HISTÓRIAS DE ÉVORA - Capítulo IX
Por Elmar Carvalho Em: 09/06/2016, às 09H06
HISTÓRIAS DE ÉVORA
Este romance será publicado neste sítio internético de forma seriada (semanalmente), à medida que os capítulos forem sendo escritos.
Capítulo IX
Caça e caçador
Elmar Carvalho
Após as explicações sobre a campanha de vacinação, Madalena, notando a timidez do rapaz, mas também percebendo o seu olhar embevecido e guloso ao mesmo tempo, sobretudo direcionado ao seu colo e ao seu rosto, com cautela e habilidade, caçou conversa. Perguntou-lhe se ele gostava de literatura, principalmente de ler poemas e romances, tendo ele lhe respondido afirmativamente.
Marcos lhe falou sobre suas produções e projetos literários. Acrescentou que publicava alguns contos, crônicas e poemas no jornal mural e no tipográfico; que já lera todos os livros da pequena biblioteca de seu pai, mas que este tomava livros emprestados de uma pessoa amiga e ele próprio recorria aos livros da biblioteca pública, cujo prazo máximo para devolução era de dez dias.
Percebendo a mulher que o jovem, embora a olhasse com admiração e desejo, jamais iria tomar qualquer iniciativa, por retraimento, receio ou respeito, pousou, muito de leve as suas mãos sobre as dele, que de imediato reagiu, entrelaçando nos seus os cálidos dedos de Madalena.
Num impulso, quase sem pensar, cego de paixão e desejo, o rapaz se levantou, contornou a mesa, e foi em direção à mulher, que também se levantara. Olhando-a profundamente nos olhos, segurou as suas têmporas, em seguida a enlaçou com suavidade, e colheu nos seus os carnudos lábios dela. Ela correspondeu, mas em seguida, com muita delicadeza, se afastou.
– Olhe, aqui não, cuidado, a empregada pode nos ver. Por favor, me acompanhe, venha conhecer a nossa biblioteca.
Foram para um amplo compartimento, onde se encontravam grandes e altas estantes de madeira, repletas de livros. Para não chamar a atenção da empregada, ela puxou a porta, mas a deixou entreaberta. Para a realidade da época, era uma grande biblioteca particular.

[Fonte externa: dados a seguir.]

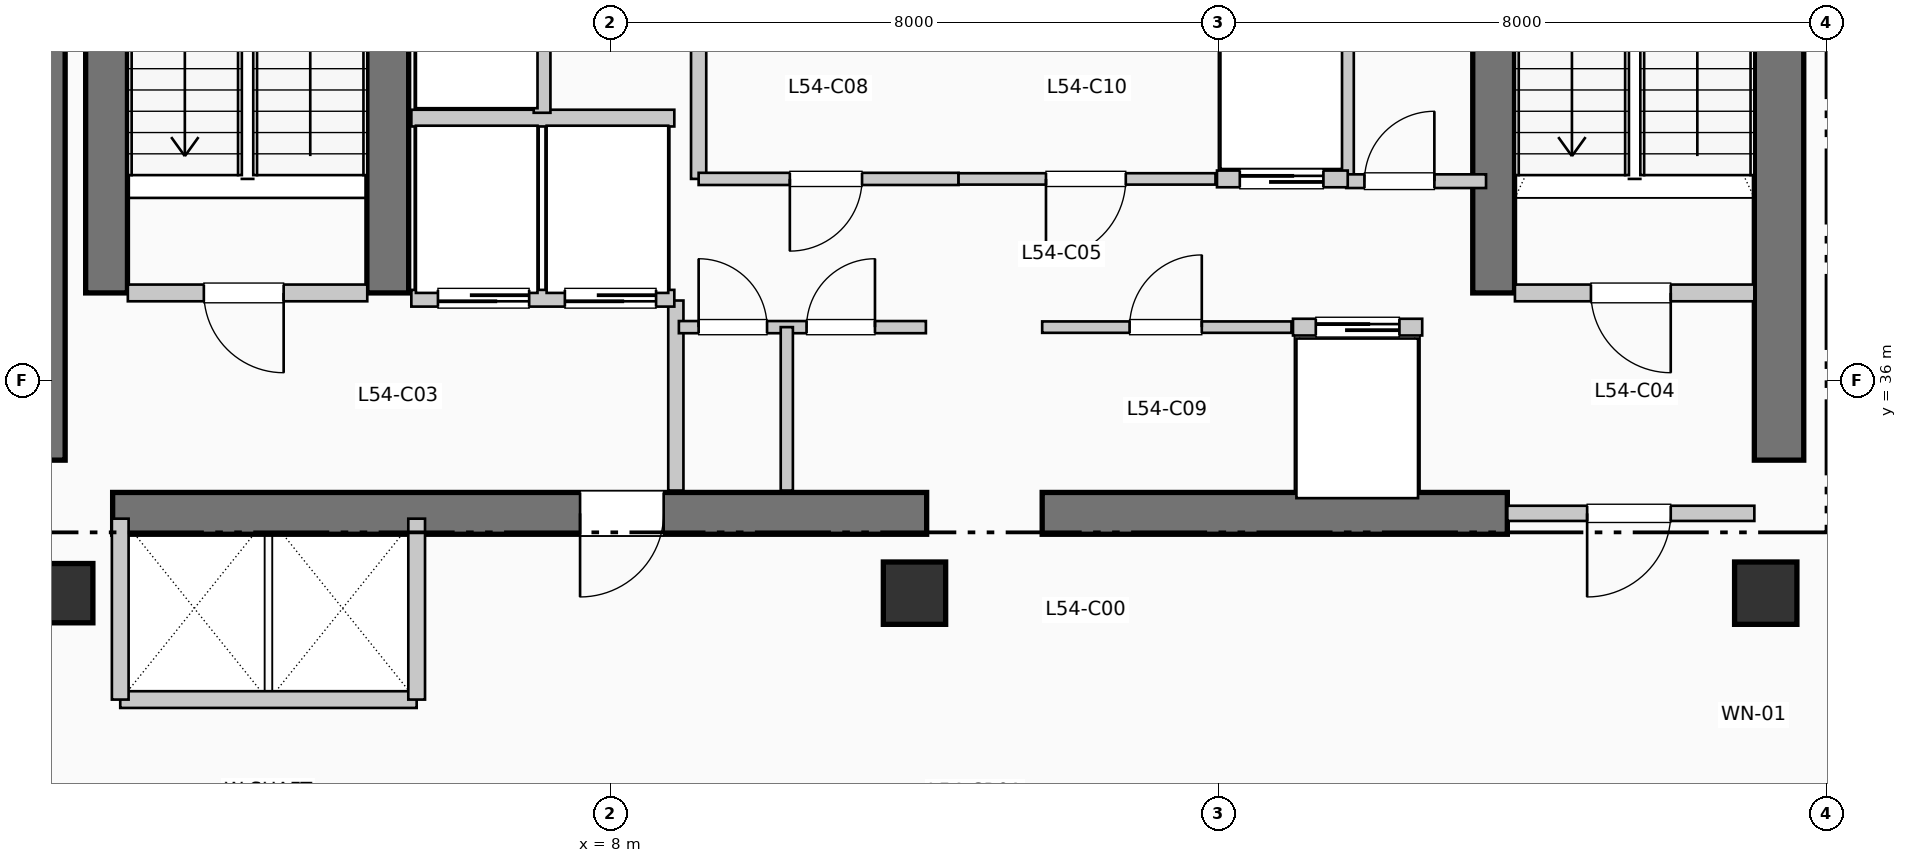
"""IFC4 building model, lengths in metres.
Left out: names, types, materials, properties, quantities, classifications, styles, units other than length and angle.
Written with IfcOpenShell. Run it as: python <this file> out.ifc"""

import sys

from ifc_helpers import new_model, si_unit, direction, frame, frame_2d, origin, origin_2d, place, context, subcontext, project, spatial, rectangle, extrude, element, fill, save


model = new_model("IFC4")
c1 = context("Model", 3, precision=1e-05, world=origin(), true_north=direction((0.0, 1.0)))
c2 = subcontext(c1, "Body", "Model", "MODEL_VIEW")
j1 = project(units=[si_unit("LENGTHUNIT", "METRE"), si_unit("PLANEANGLEUNIT", "RADIAN")], contexts=[c1])
p1 = place(None, origin())
s1 = spatial("IfcSite", under=j1, at=p1, CompositionType="ELEMENT")
p2 = place(p1, origin())
s2 = spatial("IfcBuilding", under=s1, at=p2, CompositionType="ELEMENT")
p3 = place(p2, frame((0.0, 0.0, 223.74)))
s3 = spatial("IfcBuildingStorey", under=s2, at=p3, CompositionType="ELEMENT", Elevation=223.74)
p4 = place(p3, frame((0.5, 34.95, 0.0), z_axis=(0.0, 0.0, 1.0), x_axis=(0.0, 1.0, 0.0)))
e1 = element("IfcWall", 1, at=p4, inside=s3, PredefinedType="SHEAR", context=c2, shape_type="SweptSolid", body=[
    extrude(rectangle(XDim=7.9, YDim=0.65, at=frame_2d((3.95, 0.0))), origin(), (0.0, 0.0, 1.0), 3.96),
])
p5 = place(p3, frame((23.375, 34.95, 0.0), z_axis=(0.0, 0.0, 1.0), x_axis=(0.0, 1.0, 0.0)))
e2 = element("IfcWall", 2, at=p5, inside=s3, PredefinedType="SHEAR", context=c2, shape_type="SweptSolid", body=[
    extrude(rectangle(XDim=10.64, YDim=0.65, at=frame_2d((5.32, 0.0))), origin(), (0.0, 0.0, 1.0), 3.96),
])
p6 = place(p3, frame((1.45, 34.25, 0.0), z_axis=(0.0, 0.0, 1.0), x_axis=(1.0, 0.0, 0.0)))
e3 = element("IfcWall", 3, at=p6, inside=s3, PredefinedType="SHEAR", context=c2, shape_type="SweptSolid", body=[
    extrude(rectangle(XDim=10.71, YDim=0.55, at=frame_2d((5.355, 0.0))), origin(), (0.0, 0.0, 1.0), 3.96),
])
p7 = place(p6, frame((7.25, 0.0, 0.0), z_axis=(0.0, 0.0, 1.0), x_axis=(-1.0, 0.0, 0.0)))
e4 = element("IfcOpeningElement", 4, at=p7, cuts=e3, PredefinedType="OPENING", context=c2, shape_type="SweptSolid", body=[
    extrude(rectangle(XDim=1.1, YDim=2.15, at=frame_2d((0.55, 1.075))), frame((0.0, 0.285, 0.0), z_axis=(0.0, -1.0, 0.0), x_axis=(1.0, 0.0, 0.0)), (0.0, 0.0, 1.0), 0.57),
])
p8 = place(p3, frame((13.68, 34.25, 0.0), z_axis=(0.0, 0.0, 1.0), x_axis=(1.0, 0.0, 0.0)))
e5 = element("IfcWall", 5, at=p8, inside=s3, PredefinedType="SHEAR", context=c2, shape_type="SweptSolid", body=[
    extrude(rectangle(XDim=6.12, YDim=0.55, at=frame_2d((3.06, 0.0))), origin(), (0.0, 0.0, 1.0), 3.96),
])
for number, where, z_axis, x_axis in (
    (6, (1.37, 37.15, 0.0), (0.0, 0.0, 1.0), (0.0, 1.0, 0.0)),
    (7, (5.07, 37.15, 0.0), (0.0, 0.0, 1.0), (0.0, 1.0, 0.0)),
    (8, (19.62, 37.15, 0.0), (0.0, 0.0, 1.0), (0.0, 1.0, 0.0)),
):
    element("IfcWall", number, at=place(p3, frame(where, z_axis=z_axis, x_axis=x_axis)), inside=s3, PredefinedType="SHEAR", context=c2, shape_type="SweptSolid", body=[
        extrude(rectangle(XDim=7.89, YDim=0.55, at=frame_2d((3.945, 0.0))), origin(), (0.0, 0.0, 1.0), 3.96),
    ])
p9 = place(p3, frame((0.8, 33.2, 0.0), z_axis=(0.0, 0.0, 1.0), x_axis=(1.0, 0.0, 0.0)))
e9 = element("IfcColumn", 9, at=p9, inside=s3, PredefinedType="COLUMN", context=c2, shape_type="SweptSolid", body=[
    extrude(rectangle(XDim=0.78, YDim=0.78, at=origin_2d()), origin(), (0.0, 0.0, 1.0), 3.96),
])
for number, where, z_axis, x_axis in (
    (10, (12.0, 33.2, 0.0), (0.0, 0.0, 1.0), (1.0, 0.0, 0.0)),
    (11, (23.2, 33.2, 0.0), (0.0, 0.0, 1.0), (1.0, 0.0, 0.0)),
):
    element("IfcColumn", number, at=place(p3, frame(where, z_axis=z_axis, x_axis=x_axis)), inside=s3, PredefinedType="COLUMN", context=c2, shape_type="SweptSolid", body=[
        extrude(rectangle(XDim=0.82, YDim=0.82, at=origin_2d()), origin(), (0.0, 0.0, 1.0), 3.96),
    ])
p10 = place(p3, frame((1.65, 37.15, 0.0), z_axis=(0.0, 0.0, 1.0), x_axis=(1.0, 0.0, 0.0)))
e12 = element("IfcWall", 12, at=p10, inside=s3, PredefinedType="PARTITIONING", context=c2, shape_type="SweptSolid", body=[
    extrude(rectangle(XDim=3.15, YDim=0.22, at=frame_2d((1.575, 0.0))), origin(), (0.0, 0.0, 1.0), 3.71),
])
p11 = place(p10, frame((2.05, 0.0, 0.0), z_axis=(0.0, 0.0, 1.0), x_axis=(-1.0, 0.0, 0.0)))
e13 = element("IfcOpeningElement", 13, at=p11, cuts=e12, PredefinedType="OPENING", context=c2, shape_type="SweptSolid", body=[
    extrude(rectangle(XDim=1.05, YDim=2.15, at=frame_2d((0.525, 1.075))), frame((0.0, 0.12, 0.0), z_axis=(0.0, -1.0, 0.0), x_axis=(1.0, 0.0, 0.0)), (0.0, 0.0, 1.0), 0.24),
])
p12 = place(p3, frame((8.86, 34.55, 0.0), z_axis=(0.0, 0.0, 1.0), x_axis=(0.0, 1.0, 0.0)))
e14 = element("IfcWall", 14, at=p12, inside=s3, PredefinedType="PARTITIONING", context=c2, shape_type="SweptSolid", body=[
    extrude(rectangle(XDim=2.5, YDim=0.2, at=frame_2d((1.25, 0.0))), origin(), (0.0, 0.0, 1.0), 3.71),
])
p13 = place(p3, frame((19.9, 37.15, 0.0), z_axis=(0.0, 0.0, 1.0), x_axis=(1.0, 0.0, 0.0)))
e15 = element("IfcWall", 15, at=p13, inside=s3, PredefinedType="PARTITIONING", context=c2, shape_type="SweptSolid", body=[
    extrude(rectangle(XDim=3.15, YDim=0.22, at=frame_2d((1.575, 0.0))), origin(), (0.0, 0.0, 1.0), 3.71),
])
p14 = place(p13, frame((2.05, 0.0, 0.0), z_axis=(0.0, 0.0, 1.0), x_axis=(-1.0, 0.0, 0.0)))
e16 = element("IfcOpeningElement", 16, at=p14, cuts=e15, PredefinedType="OPENING", context=c2, shape_type="SweptSolid", body=[
    extrude(rectangle(XDim=1.05, YDim=2.15, at=frame_2d((0.525, 1.075))), frame((0.0, 0.12, 0.0), z_axis=(0.0, -1.0, 0.0), x_axis=(1.0, 0.0, 0.0)), (0.0, 0.0, 1.0), 0.24),
])
p15 = place(p3, frame((19.8, 34.25, 0.0), z_axis=(0.0, 0.0, 1.0), x_axis=(1.0, 0.0, 0.0)))
e17 = element("IfcWall", 17, at=p15, inside=s3, PredefinedType="PARTITIONING", context=c2, shape_type="SweptSolid", body=[
    extrude(rectangle(XDim=3.25, YDim=0.2, at=frame_2d((1.625, 0.0))), origin(), (0.0, 0.0, 1.0), 3.71),
])
p16 = place(p15, frame((2.15, 0.0, 0.0), z_axis=(0.0, 0.0, 1.0), x_axis=(-1.0, 0.0, 0.0)))
e18 = element("IfcOpeningElement", 18, at=p16, cuts=e17, PredefinedType="OPENING", context=c2, shape_type="SweptSolid", body=[
    extrude(rectangle(XDim=1.1, YDim=2.15, at=frame_2d((0.55, 1.075))), frame((0.0, 0.11, 0.0), z_axis=(0.0, -1.0, 0.0), x_axis=(1.0, 0.0, 0.0)), (0.0, 0.0, 1.0), 0.22),
])
p17 = place(p3, frame((5.38, 37.08, 0.0), z_axis=(0.0, 0.0, 1.0), x_axis=(1.0, 0.0, 0.0)))
e19 = element("IfcWall", 19, at=p17, inside=s3, PredefinedType="PARTITIONING", context=c2, shape_type="SweptSolid", body=[
    extrude(rectangle(XDim=3.46, YDim=0.22, at=frame_2d((1.73, 0.0))), origin(), (0.0, 0.0, 1.0), 3.71),
])
p18 = place(p17, frame((1.55, 0.0, 0.0), z_axis=(0.0, 0.0, 1.0), x_axis=(-1.0, 0.0, 0.0)))
e20 = element("IfcOpeningElement", 20, at=p18, cuts=e19, PredefinedType="OPENING", context=c2, shape_type="SweptSolid", body=[
    extrude(rectangle(XDim=1.2, YDim=2.2, at=frame_2d((0.6, 1.1))), frame((0.0, 0.12, 0.0), z_axis=(0.0, -1.0, 0.0), x_axis=(1.0, 0.0, 0.0)), (0.0, 0.0, 1.0), 0.24),
])
p19 = place(p17, frame((3.22, 0.0, 0.0), z_axis=(0.0, 0.0, 1.0), x_axis=(-1.0, 0.0, 0.0)))
e21 = element("IfcOpeningElement", 21, at=p19, cuts=e19, PredefinedType="OPENING", context=c2, shape_type="SweptSolid", body=[
    extrude(rectangle(XDim=1.2, YDim=2.2, at=frame_2d((0.6, 1.1))), frame((0.0, 0.12, 0.0), z_axis=(0.0, -1.0, 0.0), x_axis=(1.0, 0.0, 0.0)), (0.0, 0.0, 1.0), 0.24),
])
p20 = place(p3, frame((5.38, 39.45, 0.0), z_axis=(0.0, 0.0, 1.0), x_axis=(1.0, 0.0, 0.0)))
e22 = element("IfcWall", 22, at=p20, inside=s3, PredefinedType="PARTITIONING", context=c2, shape_type="SweptSolid", body=[
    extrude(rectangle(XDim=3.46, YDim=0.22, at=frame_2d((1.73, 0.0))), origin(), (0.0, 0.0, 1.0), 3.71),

Em suas estantes se enfileiravam os volumes da Enciclopédia Britânica, do Tesouro da Juventude, dos Clássicos Jackson, da Biblioteca do Prêmio Nobel, das coleções Clássicos da Literatura Brasileira e Clássicos da Literatura Universal, todos em capa dura, com vinhetas, cercaduras e letras douradas, além de centenas de livros avulsos de poemas, contos, fábulas e romances.
O moço contemplava tudo isso com ternura, e uma quase beatitude, tal qual estivesse diante de um tesouro sagrado. Retirava alguns exemplares e os folheava com delicadeza, em verdadeira carícia. Chegou a roçar o nariz em alguns deles, como se os estivesse cheirando e beijando.
Com muita suavidade e cuidado, passou páginas e páginas da Poesia Completa de Manuel Bandeira, impressa em papel bíblia. Nada disso escapou aos olhares furtivos e periféricos de Madalena, que lhe franqueara escolhesse alguns livros, que só deveriam ser devolvidos quando ele concluísse a leitura, que deveria ser atenta e sem pressa. Ela imaginou a pele suave de seu rosto afagada por dedos tão hábeis e tão macios, conforme já pudera constatar, ainda que por instante demasiado fugaz.
Marcos escolheu dois romances e Poesias Escolhidas, de Castro Alves, edição comemorativa do centenário do poeta, obra publicada em 1947 pela Imprensa Nacional. Ela se aproximou dele. Fitou-o nos olhos, e emocionada e nervosa disse, com a voz embargada:
– Peço todo sigilo e que não pense mal de mim. Não sou uma leviana e nem doidivanas. Amo e respeito meu marido. Não sei o que deu em mim. Quando você voltar para devolver os livros, conversaremos novamente...
Marcos lhe fez discreta reverência e, sério, a fitou nos olhos, mas não tentou beijá-la ou afagá-la. Não era caçador, mas se fosse, jamais espantaria uma incauta e entontecida gazela.